Era ormai quasi giorno, allorchè Scheherazade riprese la storia del secondo calendero in questi sensi:

— «Signora,» proseguì il calendero, parlando sempre a Zobeide, «siccome avevamo con noi dieci cavalli carichi del nostro bagaglio e dei donativi che in nome del re mio padre io doveva fare al sultano delle Indie, ed eravamo in pochi, ben comprenderete che i ladroni non mancarono di venirci arditamente incontro; non essendo in istato di respingere la forza colla forza, dicemmo loro che eravamo ambasciadori del sultano delle Indie, e speravamo nulla tenterebbero contro il rispetto che gli dovevano. Credemmo di salvare così i nostri equipaggi e la vita; ma i malandrini ci risposero con insolenza: — Perchè vorreste che rispettassimo il sultano vostro padrone?

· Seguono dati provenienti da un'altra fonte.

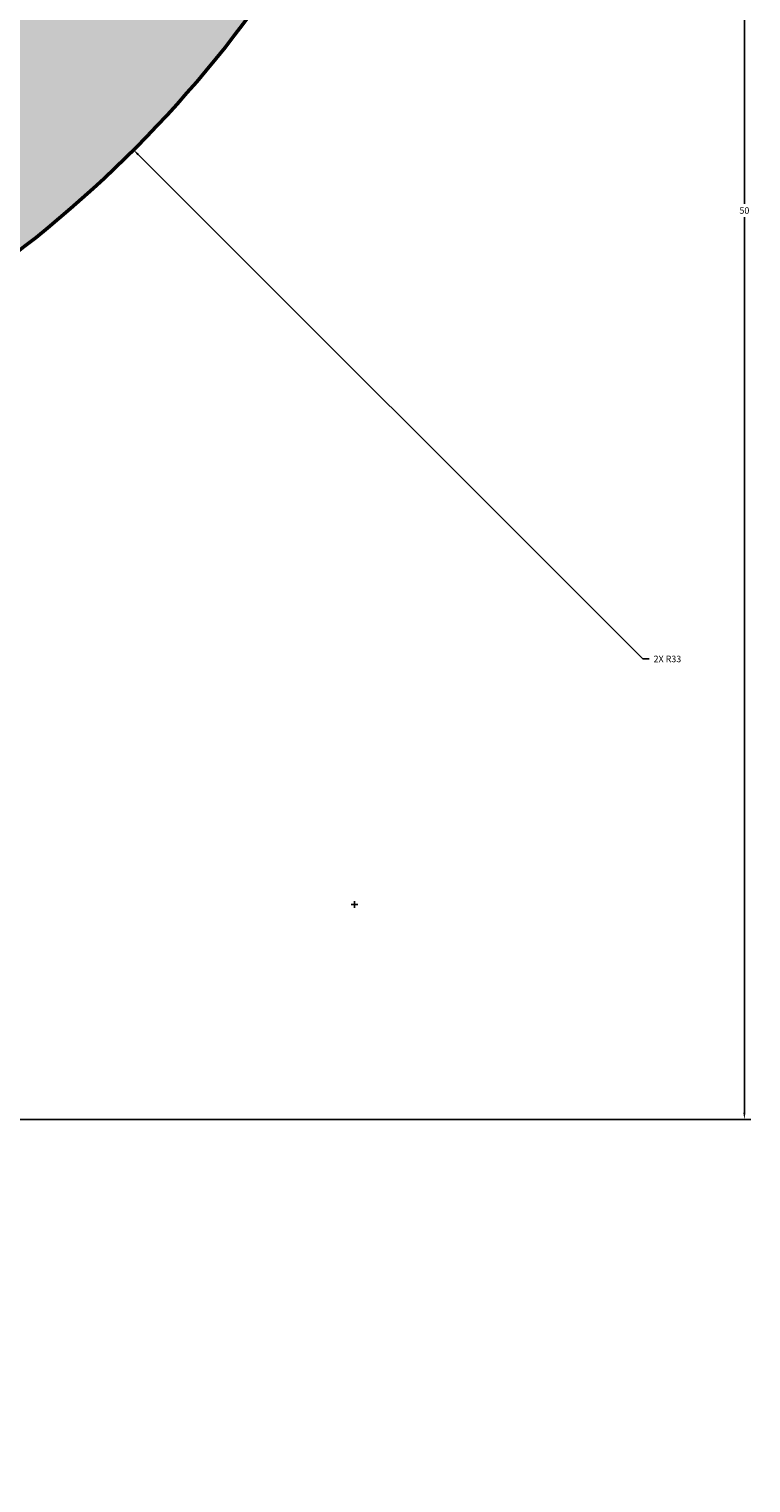
# Model space of a CAD drawing. Units: inches. Extents: x -13 to 107, y -48 to 102.
# Tile 4 of 13: x 48 to 68, y -47 to -7. Entities that reach past the tile are written whole.
import ezdxf

# ---------------------------------------------------------------- set-up
doc = ezdxf.new("R2010")
doc.units = ezdxf.units.IN
doc.header["$MEASUREMENT"] = 0
for name, color, linetype, lineweight in [('M-DIMS', 2, 'Continuous', 18), ('M-HATC', 8, 'Continuous', 18), ('M-OUTL', 7, 'Continuous', 50)]:
    doc.layers.add(name, color=color, linetype=linetype, lineweight=lineweight)
doc.styles.get("Standard").update_dxf_attribs({"font": 'arial.ttf'})
doc.dimstyles.get("Standard").update_dxf_attribs({"dimtxt": 0.18, "dimasz": 0.18, "dimexe": 0.18, "dimexo": 0.0625, "dimgap": 0.09, "dimtad": 0, "dimtih": 1, "dimtoh": 1, "dimdec": 4, "dimzin": 0, "dimdsep": 46, "dimtxsty": 'Standard', "dimcen": 0.09, "dimadec": 0, "dimazin": 0, "dimtfac": 1, "dimtdec": 4, "dimtofl": 0, "dimtmove": 0, "dimatfit": 3, "dimfxl": 1, "dimtolj": 1, "dimtzin": 0, "dimarcsym": 0})

# ---------------------------------------------------------------- blocks, each defined once
blk = doc.blocks.new('*D3')
at = {"layer": 'Defpoints', "color": 0, "transparency": 16777216}
for p in [(27.547, 13.408), (67.679, 13.408), (27.547, -36.592)]:
    blk.add_point(p, dxfattribs=at)
at = {"layer": 'M-DIMS', "color": 0, "lineweight": -2, "transparency": 16777216}
for p, q in [((27.609, 13.408), (67.859, 13.408)), ((67.679, 13.228), (67.679, -11.41)), ((67.679, -36.412), (67.679, -11.774)), ((27.609, -36.592), (67.859, -36.592))]:
    blk.add_line(p, q, dxfattribs=at)
at = {"layer": 'M-DIMS', "color": 0, "transparency": 16777216}
for points in [[(67.649, 13.228), (67.709, 13.228), (67.679, 13.408)], [(67.649, -36.412), (67.709, -36.412), (67.679, -36.592)]]:
    blk.add_solid(points, dxfattribs=at)
at = {"layer": 'M-DIMS', "color": 0, "transparency": 16777216, "insert": (67.679, -11.592), "char_height": 0.18, "attachment_point": 5}
blk.add_mtext('\\A1;50', dxfattribs=at)
blk = doc.blocks.new('*D8')
at = {"layer": 'Defpoints', "color": 0, "transparency": 16777216}
for p in [(27.547, 13.408), (50.882, -9.927)]:
    blk.add_point(p, dxfattribs=at)
at = {"layer": 'M-DIMS', "color": 0, "lineweight": -2, "transparency": 16777216}
for p, q in [((27.457, 13.408), (27.637, 13.408)), ((27.547, 13.318), (27.547, 13.498)), ((64.882, -23.927), (51.009, -10.054)), ((65.062, -23.927), (64.882, -23.927))]:
    blk.add_line(p, q, dxfattribs=at)
at = {"layer": 'M-DIMS', "color": 0, "transparency": 16777216}
blk.add_solid([(51.03, -10.033), (50.988, -10.075), (50.882, -9.927)], dxfattribs=at)
at = {"layer": 'M-DIMS', "color": 0, "transparency": 16777216, "insert": (65.562, -23.927), "char_height": 0.18, "attachment_point": 5}
blk.add_mtext('\\A1;2X R33', dxfattribs=at)
blk = doc.blocks.new('*D11')
at = {"layer": 'Defpoints', "color": 0, "transparency": 16777216}
for p in [(38.592, -22.767), (56.959, -30.682)]:
    blk.add_point(p, dxfattribs=at)
at = {"layer": 'M-DIMS', "color": 0, "lineweight": -2, "transparency": 16777216}
for p, q in [((27.392, -18.018), (27.572, -18.018)), ((27.572, -18.018), (38.427, -22.696)), ((56.869, -30.682), (57.049, -30.682)), ((56.959, -30.772), (56.959, -30.592))]:
    blk.add_line(p, q, dxfattribs=at)
at = {"layer": 'M-DIMS', "color": 0, "transparency": 16777216}
blk.add_solid([(38.438, -22.668), (38.415, -22.724), (38.592, -22.767)], dxfattribs=at)
at = {"layer": 'M-DIMS', "color": 0, "transparency": 16777216, "insert": (26.892, -18.018), "char_height": 0.18, "attachment_point": 5}
blk.add_mtext('\\A1;2X R20', dxfattribs=at)

msp = doc.modelspace()

# ---------------------------------------------------------------- hatches: boundary and pattern name
at = {"layer": 'M-HATC'}
h = msp.add_hatch(color=256, dxfattribs=at)
h.set_gradient(color1=(88, 186, 72), color2=(241, 235, 31), tint=1)
h.paths.add_polyline_path([(45.86, -14.044, 0.420873), (54.577, 32.339, -0.184081), (43.437, 76.537, 1.124637), (11.657, 76.537, -0.184081), (0.517, 32.339, 0.420873), (9.234, -14.044, -0.304084), (17.743, -34.622, 1.220926), (37.351, -34.622, -0.304084)])
h.paths.add_polyline_path([(33.479, -5.692, 0.859727), (21.615, -5.692, -0.111692), (13.972, -1.28, 0.859727), (8.04, 8.995, -0.111692), (8.04, 17.82, 0.859727), (13.972, 28.095, -0.111692), (21.615, 32.508, 0.859727), (33.479, 32.508, -0.111692), (41.122, 28.095, 0.859727), (47.054, 17.82, -0.111692), (47.054, 8.995, 0.859727), (41.122, -1.28, -0.111692)], flags=16)
h.paths.add_polyline_path([(32.547, -36.592, -1), (22.547, -36.592, -1)], flags=16)
h.paths.add_polyline_path([(17.547, 78.408, -1), (37.547, 78.408, -1)], flags=16)

# ---------------------------------------------------------------- linework, layer by layer
at = {"layer": 'M-OUTL'}
msp.add_arc((27.547, 13.408), 33, 303.707, 35.0067, dxfattribs=at)

# ---------------------------------------------------------------- dimensions: what is measured, and where the dimension line sits
at = {"layer": 'M-DIMS'}
for center, mpoint, picture, middle in [((27.547, 13.408), (50.882, -9.927), '*D8', (65.562, -23.927)), ((56.959, -30.682), (38.592, -22.767), '*D11', (26.892, -18.018))]:
    dim = msp.add_radius_dim(center=center, mpoint=mpoint, text='2X <>', dimstyle='Standard', override={"dimdec": 0, "dimlfac": 1, "dimrnd": 0, "dimzin": 0, "dimdsep": 46, "dimlunit": 2}, dxfattribs=at)
    dim.commit()
    dim.dimension.update_dxf_attribs({"geometry": picture, "text_midpoint": middle, "dimtype": 164})
dim = msp.add_linear_dim(base=(67.679, 13.408), p1=(27.547, -36.592), p2=(27.547, 13.408), angle=90, dimstyle='Standard', override={"dimdec": 0, "dimlfac": 1, "dimrnd": 0, "dimzin": 0, "dimdsep": 46, "dimlunit": 2}, dxfattribs=at)
dim.commit()
dim.dimension.update_dxf_attribs({"geometry": '*D3', "text_midpoint": (67.679, -11.592)})

doc.saveas('drawing.dxf')
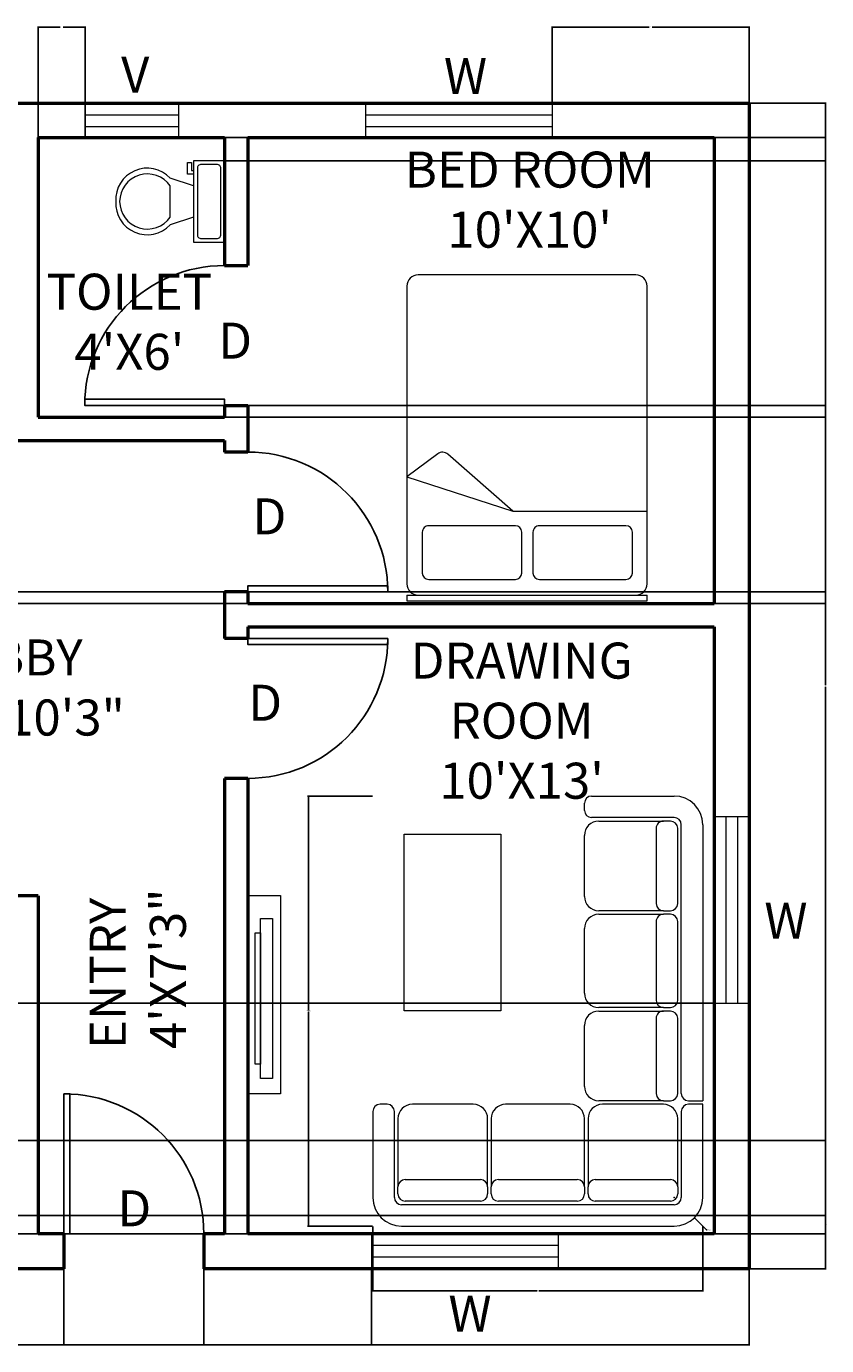
# Model space of a CAD drawing. Units: inches. Extents: x 1916 to 2328, y 785 to 1125.
# Tile 3 of 3: x 2122 to 2328, y 785 to 1125. Entities that reach past the tile are written whole.
import ezdxf

# ---------------------------------------------------------------- set-up
doc = ezdxf.new("R2010")
doc.units = ezdxf.units.IN
for name, color, linetype, lineweight in [('A-ANNO-DIMS', 2, 'Continuous', 18), ('A-ANNO-TEXT', 7, 'Continuous', 18), ('A-AREA-IDEN', 7, 'Continuous', 25), ('A-DOOR', 3, 'Continuous', 25), ('A-FLOR-FIXT', 9, 'Continuous', 18), ('A-FURN', 8, 'Continuous', 18), ('A-GLAZ', 4, 'Continuous', 18), ('A-WALL', 7, 'Continuous', 50)]:
    doc.layers.add(name, color=color, linetype=linetype, lineweight=lineweight)
doc.styles.get("Standard").update_dxf_attribs({"font": 'arial.ttf'})
doc.dimstyles.get("Standard").update_dxf_attribs({"dimtxt": 0.18, "dimasz": 0.18, "dimexe": 0.18, "dimexo": 0.0625, "dimgap": 0.09, "dimtad": 0, "dimtih": 1, "dimtoh": 1, "dimdec": 4, "dimzin": 0, "dimdsep": 46, "dimtxsty": 'Standard', "dimcen": 0.09, "dimadec": 0, "dimazin": 0, "dimtfac": 1, "dimtdec": 4, "dimtofl": 0, "dimtmove": 0, "dimatfit": 3, "dimfxl": 1, "dimtolj": 1, "dimtzin": 0, "dimarcsym": 0})

# ---------------------------------------------------------------- blocks, each defined once
blk = doc.blocks.new('*U2')
for p, q in [((0, 0), (0, -6)), ((40, 0), (40, -6))]:
    blk.add_line(p, q)
blk.add_lwpolyline([(0, 0), (0, 40), (1.75, 40), (1.75, 0)], close=True)
blk.add_arc((0, 0), 40, 0, 90)
blk = doc.blocks.new('*U3')
for p, q in [((0, 0), (0, 6)), ((40, 0), (40, 6))]:
    blk.add_line(p, q)
blk.add_lwpolyline([(0, 0), (0, -40), (1.75, -40), (1.75, 0)], close=True)
blk.add_arc((0, 0), 40, 270, 0)
blk = doc.blocks.new('A$C2AFA021D')
for p, q in [((0.8, 2.3), (0.2, 2.3)), ((0.85, 2.2), (0.85, 2.25)), ((0.2, 2.15), (0.8, 2.15)), ((0.225, 2.125), (0.275, 2.125)), ((0.75, 2.125), (0.275, 2.125)), ((0, 2.1), (0, 0.2)), ((0.15, 0.2), (0.15, 2.1)), ((0.175, 1.55), (0.175, 2.075)), ((0.325, 2.075), (0.325, 1.55)), ((0.85, 1.6), (0.85, 2.025)), ((0.275, 1.5), (0.225, 1.5)), ((0.225, 1.475), (0.275, 1.475)), ((0.275, 1.5), (0.75, 1.5)), ((0.75, 1.475), (0.275, 1.475)), ((0.175, 0.875), (0.175, 1.425)), ((0.325, 1.425), (0.325, 0.875)), ((0.85, 0.925), (0.85, 1.375)), ((0.175, 0.225), (0.175, 0.75)), ((0.275, 0.825), (0.225, 0.825)), ((0.225, 0.8), (0.275, 0.8)), ((0.275, 0.825), (0.75, 0.825)), ((0.75, 0.8), (0.275, 0.8)), ((0.325, 0.75), (0.325, 0.225)), ((0.975, 0.825), (1.4, 0.825)), ((1.625, 0.825), (2.075, 0.825)), ((2.3, 0.825), (2.725, 0.825)), ((2.85, 0.2), (2.85, 0.775)), ((2.9, 0.825), (2.95, 0.825)), ((3, 0.775), (3, 0.2)), ((0.85, 0.275), (0.85, 0.7)), ((0.875, 0.275), (0.875, 0.725)), ((1.5, 0.725), (1.5, 0.275)), ((1.525, 0.275), (1.525, 0.725)), ((2.175, 0.725), (2.175, 0.275)), ((2.2, 0.275), (2.2, 0.725)), ((2.825, 0.725), (2.825, 0.275)), ((1.45, 0.325), (0.925, 0.325)), ((2.125, 0.325), (1.575, 0.325)), ((2.775, 0.325), (2.25, 0.325)), ((0.875, 0.275), (0.875, 0.225)), ((1.5, 0.225), (1.5, 0.275)), ((1.525, 0.275), (1.525, 0.225)), ((2.175, 0.225), (2.175, 0.275)), ((2.2, 0.275), (2.2, 0.225)), ((2.825, 0.225), (2.825, 0.275)), ((0.8, 0.15), (0.2, 0.15)), ((0.275, 0.175), (0.225, 0.175)), ((0.275, 0.175), (0.75, 0.175)), ((0.85, 0), (0.85, 0.1)), ((0.875, 0.1), (0.875, 0)), ((0.925, 0.175), (1.45, 0.175)), ((0.925, 0.15), (2.8, 0.15)), ((1.575, 0.175), (2.125, 0.175)), ((2.25, 0.175), (2.775, 0.175)), ((0.2, 0), (0.85, 0)), ((2.8, 0), (0.875, 0))]:
    blk.add_line(p, q)
for centre, radius, start, end in [((0.2, 2.1), 0.2, 90, 180), ((0.8, 2.25), 0.05, 0, 90), ((0.2, 2.1), 0.05, 90, 180), ((0.225, 2.075), 0.05, 90, 180), ((0.275, 2.075), 0.05, 0, 90), ((0.75, 2.025), 0.1, 0, 90), ((0.8, 2.2), 0.05, 270, 0), ((0.75, 1.6), 0.1, 270, 0), ((0.225, 1.55), 0.05, 180, 270), ((0.225, 1.425), 0.05, 90, 180), ((0.275, 1.55), 0.05, 270, 0), ((0.275, 1.425), 0.05, 0, 90), ((0.75, 1.375), 0.1, 360, 90), ((0.75, 0.925), 0.1, 270, 0), ((0.225, 0.875), 0.05, 180, 270), ((0.275, 0.875), 0.05, 270, 0), ((0.225, 0.75), 0.05, 90, 180), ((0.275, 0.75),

Noi non siamo suoi sudditi, nè ci troviamo neppure sulle sue terre.» Sì dicendo, ci attaccarono: io mi difesi il meglio che potei; ma sentendomi ferito, e visto che l’ambasciatore e la gente della scorta erano stati gettati a terra, approfittai delle poche forze del mio cavallo, anch’esso ferito, per allontanarmi. Lo spinsi finchè potè portarmi, ma mancatomi esso sotto d’improvviso, cadde morto di stanchezza e del sangue perduto. Me ne sbarazzai prontamente, ed osservando che nessuno m’inseguiva, pensai che gli assassini non avessero voluto allontanarsi dal fatto bottino.»